Okay, that was your format, but background is we got her as a baby. I used to shelter small and pocket pets, and knew most rats were good, smart, and gentle. She was so shy and fearful though we had to work hard to get her to even respond to us without running off. We even traveled with her, afraid that if we left her at home with a petsitter last summer she'd for sure never come out when we were around!

Once she got over her fear, she went through an almost vicious stage, attacking the cage bars, etc. Everyone says that happens if you feed them through the cage bars. But we never did that.

She finally got ahold of my thumb one day and bit right through my nail!!! My son saw it (she was originally his rat - he has successfully had a hamster before her and we are big pet people) and was so terrified she was removed from his room.
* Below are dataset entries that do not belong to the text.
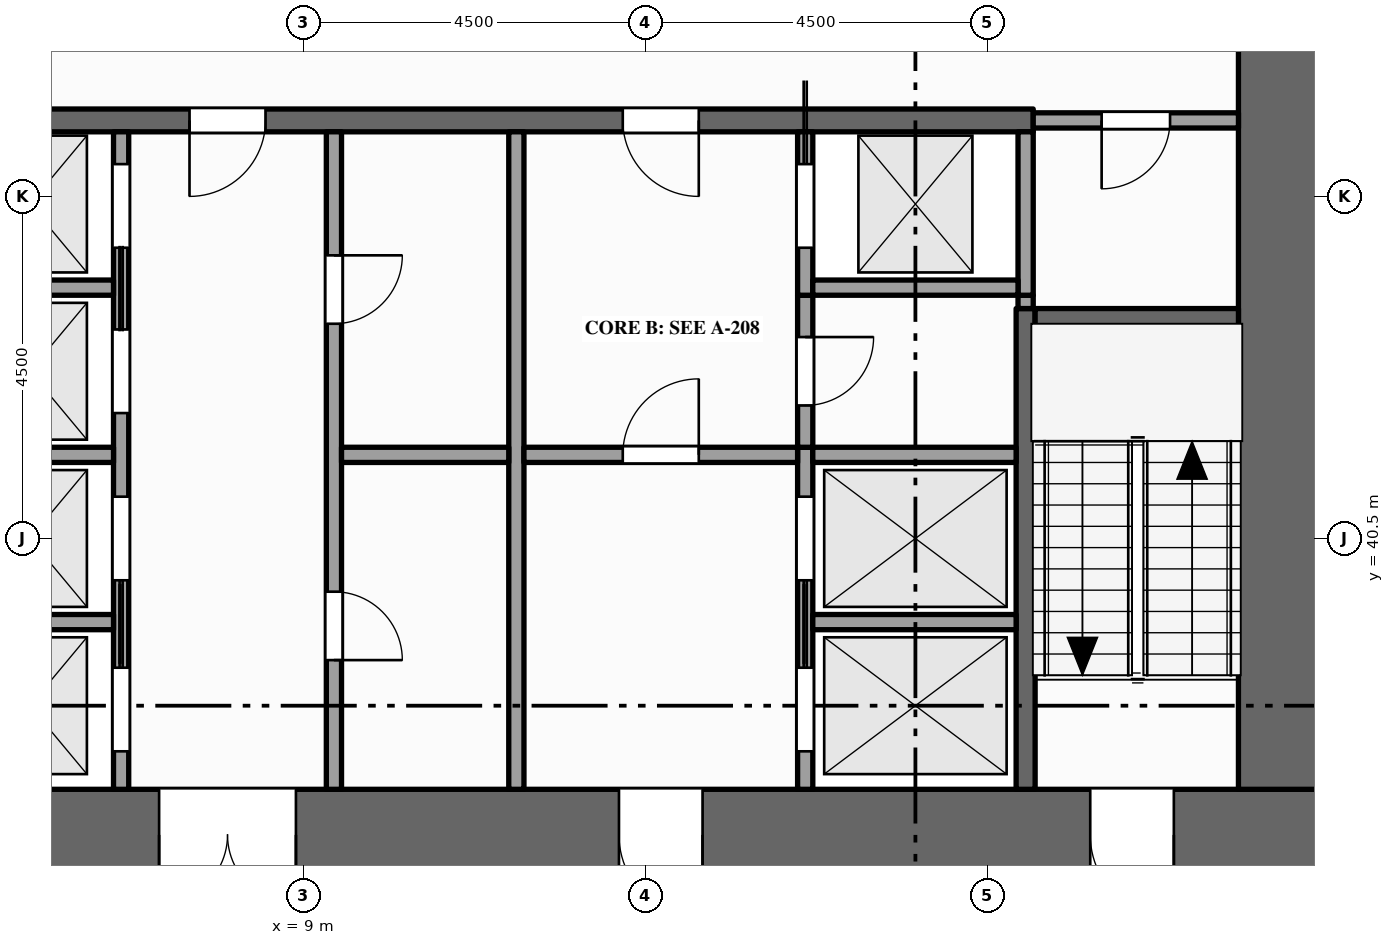
"""IFC4 building model, lengths in metres.
Left out: names, types, materials, properties, quantities, classifications, styles, units other than length and angle.
Written with IfcOpenShell. Run it as: python <this file> out.ifc"""

import sys

from ifc_helpers import new_model, si_unit, direction, frame, frame_2d, origin, place, context, subcontext, project, spatial, rectangle, extrude, element, fill, save


model = new_model("IFC4")
c1 = context("Model", 3, precision=1e-05, world=origin(), true_north=direction((0.0, 1.0)))
c2 = subcontext(c1, "Body", "Model", "MODEL_VIEW")
j1 = project(units=[si_unit("LENGTHUNIT", "METRE"), si_unit("PLANEANGLEUNIT", "RADIAN")], contexts=[c1])
p1 = place(None, origin())
s1 = spatial("IfcSite", under=j1, at=p1, CompositionType="ELEMENT")
p2 = place(p1, origin())
s2 = spatial("IfcBuilding", under=s1, at=p2, CompositionType="ELEMENT")
p3 = place(p2, frame((0.0, 0.0, 41.0)))
s3 = spatial("IfcBuildingStorey", under=s2, at=p3, CompositionType="ELEMENT", Elevation=41.0)
p4 = place(p3, frame((0.0, 36.6, -0.15), z_axis=(0.0, 0.0, 1.0), x_axis=(1.0, 0.0, 0.0)))
e1 = element("IfcWall", 1, at=p4, inside=s3, PredefinedType="SHEAR", context=c2, shape_type="SweptSolid", body=[
    extrude(rectangle(XDim=22.5, YDim=1.2, at=frame_2d((11.25, 0.0))), origin(), (0.0, 0.0, 1.0), 4.0),
])
p5 = place(p4, frame((7.1, 0.0, 0.15)))
e2 = element("IfcOpeningElement", 2, at=p5, cuts=e1, PredefinedType="OPENING", context=c2, shape_type="SweptSolid", body=[
    extrude(rectangle(XDim=1.8, YDim=2.1, at=frame_2d((0.9, 1.05))), frame((0.0, 0.61, 0.0), z_axis=(0.0, -1.0, 0.0), x_axis=(1.0, 0.0, 0.0)), (0.0, 0.0, 1.0), 1.22),
])
p6 = place(p4, frame((13.15, 0.0, 0.15)))
e3 = element("IfcOpeningElement", 3, at=p6, cuts=e1, PredefinedType="OPENING", context=c2, shape_type="SweptSolid", body=[
    extrude(rectangle(XDim=1.1, YDim=2.1, at=frame_2d((0.55, 1.05))), frame((0.0, 0.61, 0.0), z_axis=(0.0, -1.0, 0.0), x_axis=(1.0, 0.0, 0.0)), (0.0, 0.0, 1.0), 1.22),
])
p7 = place(p4, frame((2.15, 0.0, 0.15)))
e4 = element("IfcOpeningElement", 4, at=p7, cuts=e1, PredefinedType="OPENING", context=c2, shape_type="SweptSolid", body=[
    extrude(rectangle(XDim=1.1, YDim=2.1, at=frame_2d((0.55, 1.05))), frame((0.0, 0.61, 0.0), z_axis=(0.0, -1.0, 0.0), x_axis=(1.0, 0.0, 0.0)), (0.0, 0.0, 1.0), 1.22),
])
p8 = place(p4, frame((19.35, 0.0, 0.15)))
e5 = element("IfcOpeningElement", 5, at=p8, cuts=e1, PredefinedType="OPENING", context=c2, shape_type="SweptSolid", body=[
    extrude(rectangle(XDim=1.1, YDim=2.1, at=frame_2d((0.55, 1.05))), frame((0.0, 0.61, 0.0), z_axis=(0.0, -1.0, 0.0), x_axis=(1.0, 0.0, 0.0)), (0.0, 0.0, 1.0), 1.22),
])
p9 = place(p3, frame((21.9, 37.2, -0.15), z_axis=(0.0, 0.0, 1.0), x_axis=(0.0, 1.0, 0.0)))
e6 = element("IfcWall", 6, at=p9, inside=s3, PredefinedType="SHEAR", context=c2, shape_type="SweptSolid", body=[
    extrude(rectangle(XDim=11.1, YDim=1.2, at=frame_2d((5.55, 0.0))), origin(), (0.0, 0.0, 1.0), 4.0),
])
p10 = place(p3, frame((6.6, 37.2, 0.0), z_axis=(0.0, 0.0, 1.0), x_axis=(0.0, 1.0, 0.0)))
e7 = element("IfcWall", 7, at=p10, inside=s3, PredefinedType="SOLIDWALL", context=c2, shape_type="SweptSolid", body=[
    extrude(rectangle(XDim=8.65, YDim=0.2, at=frame_2d((4.325, 0.0))), origin(), (0.0, 0.0, 1.0), 3.85),
])
p11 = place(p10, frame((0.5, 0.0, 0.012)))
e8 = element("IfcOpeningElement", 8, at=p11, cuts=e7, PredefinedType="OPENING", context=c2, shape_type="SweptSolid", body=[
    extrude(rectangle(XDim=1.1, YDim=2.1, at=frame_2d((0.55, 1.05))), frame((0.0, 0.11, 0.0), z_axis=(0.0, -1.0, 0.0), x_axis=(1.0, 0.0, 0.0)), (0.0, 0.0, 1.0), 0.22),
])
p12 = place(p10, frame((2.75, 0.0, 0.012)))
e9 = element("IfcOpeningElement", 9, at=p12, cuts=e7, PredefinedType="OPENING", context=c2, shape_type="SweptSolid", body=[
    extrude(rectangle(XDim=1.1, YDim=2.1, at=frame_2d((0.55, 1.05))), frame((0.0, 0.11, 0.0), z_axis=(0.0, -1.0, 0.0), x_axis=(1.0, 0.0, 0.0)), (0.0, 0.0, 1.0), 0.22),
])
p13 = place(p10, frame((4.95, 0.0, 0.012)))
e10 = element("IfcOpeningElement", 10, at=p13, cuts=e7, PredefinedType="OPENING", context=c2, shape_type="SweptSolid", body=[
    extrude(rectangle(XDim=1.1, YDim=2.1, at=frame_2d((0.55, 1.05))), frame((0.0, 0.11, 0.0), z_axis=(0.0, -1.0, 0.0), x_axis=(1.0, 0.0, 0.0)), (0.0, 0.0, 1.0), 0.22),
])
p14 = place(p10, frame((7.125, 0.0, 0.012)))
e11 = element("IfcOpeningElement", 11, at=p14, cuts=e7, PredefinedType="OPENING", context=c2, shape_type="SweptSolid", body=[
    extrude(rectangle(XDim=1.1, YDim=2.1, at=frame_2d((0.55, 1.05))), frame((0.0, 0.11, 0.0), z_axis=(0.0, -1.0, 0.0), x_axis=(1.0, 0.0, 0.0)), (0.0, 0.0, 1.0), 0.22),
])
p15 = place(p3, frame((9.4, 37.2, 0.0), z_axis=(0.0, 0.0, 1.0), x_axis=(0.0, 1.0, 0.0)))
e12 = element("IfcWall", 12, at=p15, inside=s3, PredefinedType="PARTITIONING", context=c2, shape_type="SweptSolid", body=[
    extrude(rectangle(XDim=8.65, YDim=0.2, at=frame_2d((4.325, 0.0))), origin(), (0.0, 0.0, 1.0), 3.85),
])
p16 = place(p15, frame((1.7, 0.0, 0.0)))
e13 = element("IfcOpeningElement", 13, at=p16, cuts=e12, PredefinedType="OPENING", context=c2, shape_type="SweptSolid", body=[
    extrude(rectangle(XDim=0.9, YDim=2.1, at=frame_2d((0.45, 1.05))), frame((0.0, 0.11, 0.0), z_axis=(0.0, -1.0, 0.0), x_axis=(1.0, 0.0, 0.0)), (0.0, 0.0, 1.0), 0.22),
])
p17 = place(p15, frame((6.125, 0.0, 0.0)))
e14 = element("IfcOpeningElement", 14, at=p17, cuts=e12, PredefinedType="OPENING", context=c2, shape_type="SweptSolid", body=[
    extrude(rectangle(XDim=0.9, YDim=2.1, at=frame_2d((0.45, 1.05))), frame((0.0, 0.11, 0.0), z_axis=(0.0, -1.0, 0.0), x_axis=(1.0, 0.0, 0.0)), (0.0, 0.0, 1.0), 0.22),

Then she got ahold of the dogs nose once, and that was it, everyone was scared.

We have moved her into our laundry room, where our dogs sleep at night (she's up high enough where they can't bother her, yet hopefully their presence calms her as a social animal), and me and my husband have spent much through the cage time with her, feeding her, talking gently to her, etc over the past few months. She seems to enjoy us now, and will take food calmly and gently through the cage bars (which everyone says not to do, but it was the only way to get food into the cage at one point, and actually it calmed her down), and also other items, like paper towels and boxes, etc, to chew and play with. She has stopped her lunge-ing and stuff too. But in reality, we are too afraid to move to the next step-hands in or on her - and its just not fair to her. She needs experienced rat people.

If you can help, please do. Thank you.

My e-mail is [email protected] and phone is 219-987-6064.


----------



## Kimmiekins (Apr 14, 2007)

I can't make the 4 hr drive right now (thought I might be able to find transport) and our quarantine homes are full, or we'd take her, as we've had luck with aggressive (she sounds severely cage aggressive) rats. Please contact EARPS and see if they can help.

http://www.earps.org/


----------



## KatieandRaleigh (Feb 1, 2008)

Thank you I will!


----------